Summary/ Abstract: The emergence of immune checkpoint blockade (ICB) therapy has revolutionized the
treatment for advanced cancers including lung cancer. Particularly, anti-PD-1/PD-L1 therapy shows promising
therapeutic outcomes, and some of these therapies are employed as the first line treatment of patients with
metastatic NSCLC. However, not all patients benefit from ICB and some of patients who initially respond to ICB
develop acquired resistance and sometimes. multisystem immune-related adverse events. Thus, it is critically
important to accurately identify and predict lung cancer patients who will respond to ICB before and during a
course of treatment. Here, we propose an innovative screening strategy aiming at early prediction and real-time
monitoring of responders and non-responders to ICB for lung cancer patients. This approach is based on the
isolation, detection, and characterization of circulating exosomes specifically associated with anticancer immune
response rather than analyzing total pool of exosomes. Exosomes are secreted nano-sized particles containing
nucleic acid, protein, and lipid cargo specific to the cell of origin, which are considered as a mirror of the parental
cells. Besides, they can be easily extracted from biofluids as a source of biomarkers of disease status and
treatment response. Herein, we seek to specifically analyze two population of circulating exosomes including
tumor-derived exosomes (TEXs) and PD-L1+ exosomes that serve as the invaluable determinants of the status
of tumor burden and anticancer-immune activity, respectively.
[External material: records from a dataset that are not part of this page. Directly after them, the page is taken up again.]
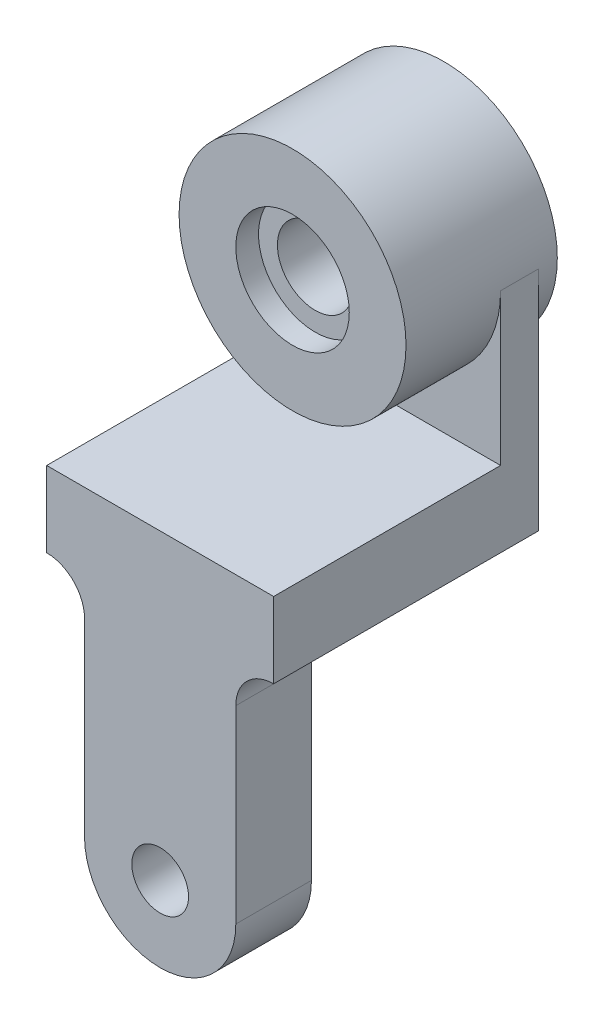
ISO-10303-21;
HEADER;
FILE_DESCRIPTION(('STEP AP214'),'2;1');
FILE_NAME('part.step','',(''),(''),'','','');
FILE_SCHEMA(('AUTOMOTIVE_DESIGN { 1 0 10303 214 1 1 1 1 }'));
ENDSEC;
DATA;
#1=APPLICATION_CONTEXT('core data for automotive mechanical design processes');
#2=APPLICATION_PROTOCOL_DEFINITION('international standard','automotive_design',2000,#1);
#3=PRODUCT_CONTEXT('',#1,'mechanical');
#4=PRODUCT('Part','Part','',(#3));
#5=PRODUCT_RELATED_PRODUCT_CATEGORY('part','',(#4));
#6=PRODUCT_DEFINITION_FORMATION('','',#4);
#7=PRODUCT_DEFINITION_CONTEXT('part definition',#1,'design');
#8=PRODUCT_DEFINITION('design','',#6,#7);
#9=PRODUCT_DEFINITION_SHAPE('','',#8);
#10=(LENGTH_UNIT() NAMED_UNIT(*) SI_UNIT(.MILLI.,.METRE.));
#11=(NAMED_UNIT(*) PLANE_ANGLE_UNIT() SI_UNIT($,.RADIAN.));
#12=(NAMED_UNIT(*) SI_UNIT($,.STERADIAN.) SOLID_ANGLE_UNIT());
#13=UNCERTAINTY_MEASURE_WITH_UNIT(LENGTH_MEASURE(1.E-05),#10,'distance_accuracy_value','');
#14=(GEOMETRIC_REPRESENTATION_CONTEXT(3) GLOBAL_UNCERTAINTY_ASSIGNED_CONTEXT((#13)) GLOBAL_UNIT_ASSIGNED_CONTEXT((#10,
#11,#12)) REPRESENTATION_CONTEXT('',''));
#15=CARTESIAN_POINT('',(0.,0.,0.));
#16=DIRECTION('',(0.,0.,1.));
#17=DIRECTION('',(1.,0.,0.));
#18=AXIS2_PLACEMENT_3D('',#15,#16,#17);
#19=CARTESIAN_POINT('',(0.,60.,-40.));
#20=DIRECTION('',(0.,0.,1.));
#21=DIRECTION('',(1.,0.,0.));
#22=AXIS2_PLACEMENT_3D('',#19,#20,#21);
#23=CYLINDRICAL_SURFACE('',#22,10.);
#24=CARTESIAN_POINT('',(0.,60.,-6.));
#25=DIRECTION('',(0.,0.,1.));
#26=DIRECTION('',(1.,0.,0.));
#27=AXIS2_PLACEMENT_3D('',#24,#25,#26);
#28=CIRCLE('',#27,10.);
#29=CARTESIAN_POINT('',(10.,60.,-6.));
#30=VERTEX_POINT('',#29);
#31=EDGE_CURVE('E212',#30,#30,#28,.F.);
#32=ORIENTED_EDGE('',*,*,#31,.F.);
#33=EDGE_LOOP('',(#32));
#34=FACE_BOUND('',#33,.T.);
#35=CARTESIAN_POINT('',(0.,60.,-34.));
#36=DIRECTION('',(0.,0.,-1.));
#37=DIRECTION('',(-1.,0.,0.));
#38=AXIS2_PLACEMENT_3D('',#35,#36,#37);
#39=CIRCLE('',#38,10.);
#40=CARTESIAN_POINT('',(-10.,60.,-34.));
#41=VERTEX_POINT('',#40);
#42=EDGE_CURVE('E216',#41,#41,#39,.F.);
#43=ORIENTED_EDGE('',*,*,#42,.F.);
#44=EDGE_LOOP('',(#43));
#45=FACE_BOUND('',#44,.T.);
#46=ADVANCED_FACE('F39',(#34,#45),#23,.F.);
#47=CARTESIAN_POINT('',(-30.,20.,35.));
#48=DIRECTION('',(0.,-1.,0.));
#49=DIRECTION('',(0.,0.,-1.));
#50=AXIS2_PLACEMENT_3D('',#47,#48,#49);
#51=PLANE('',#50);
#52=DIRECTION('',(1.,0.,0.));
#53=VECTOR('',#52,1.);
#54=CARTESIAN_POINT('',(-30.,20.,-25.));
#55=LINE('',#54,#53);
#56=CARTESIAN_POINT('',(-30.,20.,-25.));
#57=VERTEX_POINT('',#56);
#58=CARTESIAN_POINT('',(30.,20.,-25.));
#59=VERTEX_POINT('',#58);
#60=EDGE_CURVE('E126',#57,#59,#55,.T.);
#61=ORIENTED_EDGE('',*,*,#60,.F.);
#62=DIRECTION('',(0.,0.,-1.));
#63=VECTOR('',#62,1.);
#64=CARTESIAN_POINT('',(-30.,20.,35.));
#65=LINE('',#64,#63);
#66=CARTESIAN_POINT('',(-30.,20.,35.));
#67=VERTEX_POINT('',#66);
#68=EDGE_CURVE('E188',#67,#57,#65,.T.);
#69=ORIENTED_EDGE('',*,*,#68,.F.);
#70=DIRECTION('',(-1.,0.,0.));
#71=VECTOR('',#70,1.);
#72=CARTESIAN_POINT('',(-30.,20.,35.));
#73=LINE('',#72,#71);
#74=CARTESIAN_POINT('',(30.,20.,35.));
#75=VERTEX_POINT('',#74);
#76=EDGE_CURVE('E189',#75,#67,#73,.T.);
#77=ORIENTED_EDGE('',*,*,#76,.F.);
#78=DIRECTION('',(0.,0.,-1.));
#79=VECTOR('',#78,1.);
#80=CARTESIAN_POINT('',(30.,20.,35.));
#81=LINE('',#80,#79);
#82=EDGE_CURVE('E198',#75,#59,#81,.T.);
#83=ORIENTED_EDGE('',*,*,#82,.T.);
#84=EDGE_LOOP('',(#61,#69,#77,#83));
#85=FACE_BOUND('',#84,.T.);
#86=ADVANCED_FACE('F264',(#85),#51,.F.);
#87=CARTESIAN_POINT('',(-30.,0.,35.));
#88=DIRECTION('',(0.,1.,0.));
#89=DIRECTION('',(0.,0.,1.));
#90=AXIS2_PLACEMENT_3D('',#87,#88,#89);
#91=PLANE('',#90);
#92=DIRECTION('',(-1.,0.,0.));
#93=VECTOR('',#92,1.);
#94=CARTESIAN_POINT('',(-20.,0.,15.));
#95=LINE('',#94,#93);
#96=CARTESIAN_POINT('',(30.,0.,15.));
#97=VERTEX_POINT('',#96);
#98=CARTESIAN_POINT('',(-30.,0.,15.));
#99=VERTEX_POINT('',#98);
#100=EDGE_CURVE('E169',#97,#99,#95,.T.);
#101=ORIENTED_EDGE('',*,*,#100,.T.);
#102=DIRECTION('',(0.,0.,-1.));
#103=VECTOR('',#102,1.);
#104=CARTESIAN_POINT('',(-30.,0.,35.));
#105=LINE('',#104,#103);
#106=CARTESIAN_POINT('',(-30.,0.,-35.));
#107=VERTEX_POINT('',#106);
#108=EDGE_CURVE('E203',#99,#107,#105,.T.);
#109=ORIENTED_EDGE('',*,*,#108,.T.);
#110=DIRECTION('',(1.,0.,0.));
#111=VECTOR('',#110,1.);
#112=CARTESIAN_POINT('',(-30.,0.,-35.));
#113=LINE('',#112,#111);
#114=CARTESIAN_POINT('',(30.,0.,-35.));
#115=VERTEX_POINT('',#114);
#116=EDGE_CURVE('E194',#107,#115,#113,.T.);
#117=ORIENTED_EDGE('',*,*,#116,.T.);
#118=DIRECTION('',(0.,0.,-1.));
#119=VECTOR('',#118,1.);
#120=CARTESIAN_POINT('',(30.,0.,35.));
#121=LINE('',#120,#119);
#122=EDGE_CURVE('E202',#97,#115,#121,.T.);
#123=ORIENTED_EDGE('',*,*,#122,.F.);
#124=EDGE_LOOP('',(#101,#109,#117,#123));
#125=FACE_BOUND('',#124,.T.);
#126=ADVANCED_FACE('F260',(#125),#91,.F.);
#127=CARTESIAN_POINT('',(-30.,0.,35.));
#128=DIRECTION('',(1.,0.,0.));
#129=DIRECTION('',(0.,0.,-1.));
#130=AXIS2_PLACEMENT_3D('',#127,#128,#129);
#131=PLANE('',#130);
#132=DIRECTION('',(0.,-1.,0.));
#133=VECTOR('',#132,1.);
#134=CARTESIAN_POINT('',(-30.,0.,-35.));
#135=LINE('',#134,#133);
#136=CARTESIAN_POINT('',(-30.,60.,-35.));
#137=VERTEX_POINT('',#136);
#138=EDGE_CURVE('E179',#137,#107,#135,.T.);
#139=ORIENTED_EDGE('',*,*,#138,.T.);
#140=ORIENTED_EDGE('',*,*,#108,.F.);
#141=CARTESIAN_POINT('',(-30.,0.,35.));
#142=VERTEX_POINT('',#141);
#143=EDGE_CURVE('E207',#142,#99,#105,.T.);
#144=ORIENTED_EDGE('',*,*,#143,.F.);
#145=DIRECTION('',(0.,-1.,0.));
#146=VECTOR('',#145,1.);
#147=CARTESIAN_POINT('',(-30.,0.,35.));
#148=LINE('',#147,#146);
#149=EDGE_CURVE('E182',#67,#142,#148,.T.);
#150=ORIENTED_EDGE('',*,*,#149,.F.);
#151=ORIENTED_EDGE('',*,*,#68,.T.);
#152=DIRECTION('',(0.,1.,0.));
#153=VECTOR('',#152,1.);
#154=CARTESIAN_POINT('',(-30.,0.,-25.));
#155=LINE('',#154,#153);
#156=CARTESIAN_POINT('',(-30.,60.,-25.));
#157=VERTEX_POINT('',#156);
#158=EDGE_CURVE('E132',#57,#157,#155,.T.);
#159=ORIENTED_EDGE('',*,*,#158,.T.);
#160=DIRECTION('',(0.,0.,-1.));
#161=VECTOR('',#160,1.);
#162=CARTESIAN_POINT('',(-30.,60.,-25.));
#163=LINE('',#162,#161);
#164=EDGE_CURVE('E144',#157,#137,#163,.T.);
#165=ORIENTED_EDGE('',*,*,#164,.T.);
#166=EDGE_LOOP('',(#139,#140,#144,#150,#151,#159,#165));
#167=FACE_BOUND('',#166,.T.);
#168=ADVANCED_FACE('F251',(#167),#131,.F.);
#169=CARTESIAN_POINT('',(30.,0.,35.));
#170=DIRECTION('',(-1.,0.,0.));
#171=DIRECTION('',(0.,0.,1.));
#172=AXIS2_PLACEMENT_3D('',#169,#170,#171);
#173=PLANE('',#172);
#174=DIRECTION('',(0.,1.,0.));
#175=VECTOR('',#174,1.);
#176=CARTESIAN_POINT('',(30.,0.,-35.));
#177=LINE('',#176,#175);
#178=CARTESIAN_POINT('',(30.,60.,-35.));
#179=VERTEX_POINT('',#178);
#180=EDGE_CURVE('E136',#115,#179,#177,.T.);
#181=ORIENTED_EDGE('',*,*,#180,.T.);
#182=DIRECTION('',(0.,0.,-1.));
#183=VECTOR('',#182,1.);
#184=CARTESIAN_POINT('',(30.,60.,-25.));
#185=LINE('',#184,#183);
#186=CARTESIAN_POINT('',(30.,60.,-25.));
#187=VERTEX_POINT('',#186);
#188=EDGE_CURVE('E137',#187,#179,#185,.T.);
#189=ORIENTED_EDGE('',*,*,#188,.F.);
#190=DIRECTION('',(0.,-1.,0.));
#191=VECTOR('',#190,1.);
#192=CARTESIAN_POINT('',(30.,0.,-25.));
#193=LINE('',#192,#191);
#194=EDGE_CURVE('E125',#187,#59,#193,.T.);
#195=ORIENTED_EDGE('',*,*,#194,.T.);
#196=ORIENTED_EDGE('',*,*,#82,.F.);
#197=DIRECTION('',(0.,1.,0.));
#198=VECTOR('',#197,1.);
#199=CARTESIAN_POINT('',(30.,0.,35.));
#200=LINE('',#199,#198);
#201=CARTESIAN_POINT('',(30.,0.,35.));
#202=VERTEX_POINT('',#201);
#203=EDGE_CURVE('E187',#202,#75,#200,.T.);
#204=ORIENTED_EDGE('',*,*,#203,.F.);
#205=EDGE_CURVE('E205',#202,#97,#121,.T.);
#206=ORIENTED_EDGE('',*,*,#205,.T.);
#207=ORIENTED_EDGE('',*,*,#122,.T.);
#208=EDGE_LOOP('',(#181,#189,#195,#196,#204,#206,#207));
#209=FACE_BOUND('',#208,.T.);
#210=ADVANCED_FACE('F140',(#209),#173,.F.);
#211=CARTESIAN_POINT('',(0.,0.,35.));
#212=DIRECTION('',(0.,0.,-1.));
#213=DIRECTION('',(-1.,0.,0.));
#214=AXIS2_PLACEMENT_3D('',#211,#212,#213);
#215=PLANE('',#214);
#216=ORIENTED_EDGE('',*,*,#149,.T.);
#217=CARTESIAN_POINT('',(-30.,-10.,35.));
#218=DIRECTION('',(0.,0.,-1.));
#219=DIRECTION('',(-1.,0.,0.));
#220=AXIS2_PLACEMENT_3D('',#217,#218,#219);
#221=CIRCLE('',#220,10.);
#222=CARTESIAN_POINT('',(-20.,-10.,35.));
#223=VERTEX_POINT('',#222);
#224=EDGE_CURVE('E221',#142,#223,#221,.T.);
#225=ORIENTED_EDGE('',*,*,#224,.T.);
#226=DIRECTION('',(0.,-1.,0.));
#227=VECTOR('',#226,1.);
#228=CARTESIAN_POINT('',(-20.,0.,35.));
#229=LINE('',#228,#227);
#230=CARTESIAN_POINT('',(-20.,-60.,35.));
#231=VERTEX_POINT('',#230);
#232=EDGE_CURVE('E159',#223,#231,#229,.T.);
#233=ORIENTED_EDGE('',*,*,#232,.T.);
#234=CARTESIAN_POINT('',(0.,-60.,35.));
#235=DIRECTION('',(0.,0.,1.));
#236=DIRECTION('',(1.,0.,0.));
#237=AXIS2_PLACEMENT_3D('',#234,#235,#236);
#238=CIRCLE('',#237,20.);
#239=CARTESIAN_POINT('',(20.,-60.,35.));
#240=VERTEX_POINT('',#239);
#241=EDGE_CURVE('E173',#231,#240,#238,.T.);
#242=ORIENTED_EDGE('',*,*,#241,.T.);
#243=DIRECTION('',(0.,1.,0.));
#244=VECTOR('',#243,1.);
#245=CARTESIAN_POINT('',(20.,0.,35.));
#246=LINE('',#245,#244);
#247=CARTESIAN_POINT('',(20.,-10.,35.));
#248=VERTEX_POINT('',#247);
#249=EDGE_CURVE('E165',#240,#248,#246,.T.);
#250=ORIENTED_EDGE('',*,*,#249,.T.);
#251=CARTESIAN_POINT('',(30.,-10.,35.));
#252=DIRECTION('',(0.,0.,-1.));
#253=DIRECTION('',(-1.,0.,0.));
#254=AXIS2_PLACEMENT_3D('',#251,#252,#253);
#255=CIRCLE('',#254,10.);
#256=EDGE_CURVE('E50',#248,#202,#255,.T.);
#257=ORIENTED_EDGE('',*,*,#256,.T.);
#258=ORIENTED_EDGE('',*,*,#203,.T.);
#259=ORIENTED_EDGE('',*,*,#76,.T.);
#260=EDGE_LOOP('',(#216,#225,#233,#242,#250,#257,#258,#259));
#261=FACE_BOUND('',#260,.T.);
#262=CARTESIAN_POINT('',(0.,-60.,35.));
#263=DIRECTION('',(0.,0.,1.));
#264=DIRECTION('',(1.,0.,0.));
#265=AXIS2_PLACEMENT_3D('',#262,#263,#264);
#266=CIRCLE('',#265,7.5);
#267=CARTESIAN_POINT('',(7.5,-60.,35.));
#268=VERTEX_POINT('',#267);
#269=EDGE_CURVE('E141',#268,#268,#266,.T.);
#270=ORIENTED_EDGE('',*,*,#269,.F.);
#271=EDGE_LOOP('',(#270));
#272=FACE_BOUND('',#271,.T.);
#273=ADVANCED_FACE('F229',(#261,#272),#215,.F.);
#274=CARTESIAN_POINT('',(0.,0.,-35.));
#275=DIRECTION('',(0.,0.,-1.));
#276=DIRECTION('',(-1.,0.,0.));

We have formulated two Specific Aims that hinge
on developing technologies to achieve our goals: Aim1 will develop a highly sensitive and selective sensing
platform for quantitative analysis of TEXs and PD-L1+ exosomes followed by molecular analysis of TEXs to
explore the molecular signatures associated with treatment outcome. For that, we will genetically engineer novel
bioluminescence-based probes by fusing bioluminescence proteins with tumor-specific and PD-L1-specific
targeting molecules, respectively. Aim 2 will evaluate circulating exosomes from serum of NSCLC patients
treated with ICB therapy. The platform developed in Aim 1 will be used for the quantitative analysis of TEXs and
PD-L1+ exosomes during the treatment, and whether the observed changes can be utilized as a predictive
marker for early identification and monitoring of responders and non-responders to ICB. The circulating TEXs
will be subsequently isolated; their exosomal transcripts, and long non-coding RNAs will be characterized by
using next-generation sequencing to explore the molecular signatures associated with therapeutic outcome. We
will apply computational approaches for data integration, analysis, and interpretation based on the number of
TEXs, expression level of exosomal PD-L1, molecular signatures of TEXs, and patient’s clinical features. In sum,
our project is highly translational and could have a signif...

## Key facts

- **NIH application ID:** 10890842
- **Project number:** 5R21CA283881-02
- **Recipient organization:** UNIVERSITY OF MIAMI SCHOOL OF MEDICINE
- **Principal Investigator:** Sylvia Daunert
- **Activity code:** R21 (R01, R21, SBIR, etc.)
- **Funding institute:** NIH
- **Fiscal year:** 2024
- **Award amount:** $204,520
- **Award type:** 5
- **Project period:** 2023-07-19 → 2025-06-30

## Primary source

NIH RePORTER: https://reporter.nih.gov/project-details/10890842

## Citation

> US National Institutes of Health, RePORTER application 10890842, Noninvasive monitoring of therapeutic response to immune checkpoint inhibitors using circulating exosomes in non-small cell lung cancer (5R21CA283881-02). Retrieved via AI Analytics 2026-05-24 from https://api.ai-analytics.org/grant/nih/10890842. Licensed CC0.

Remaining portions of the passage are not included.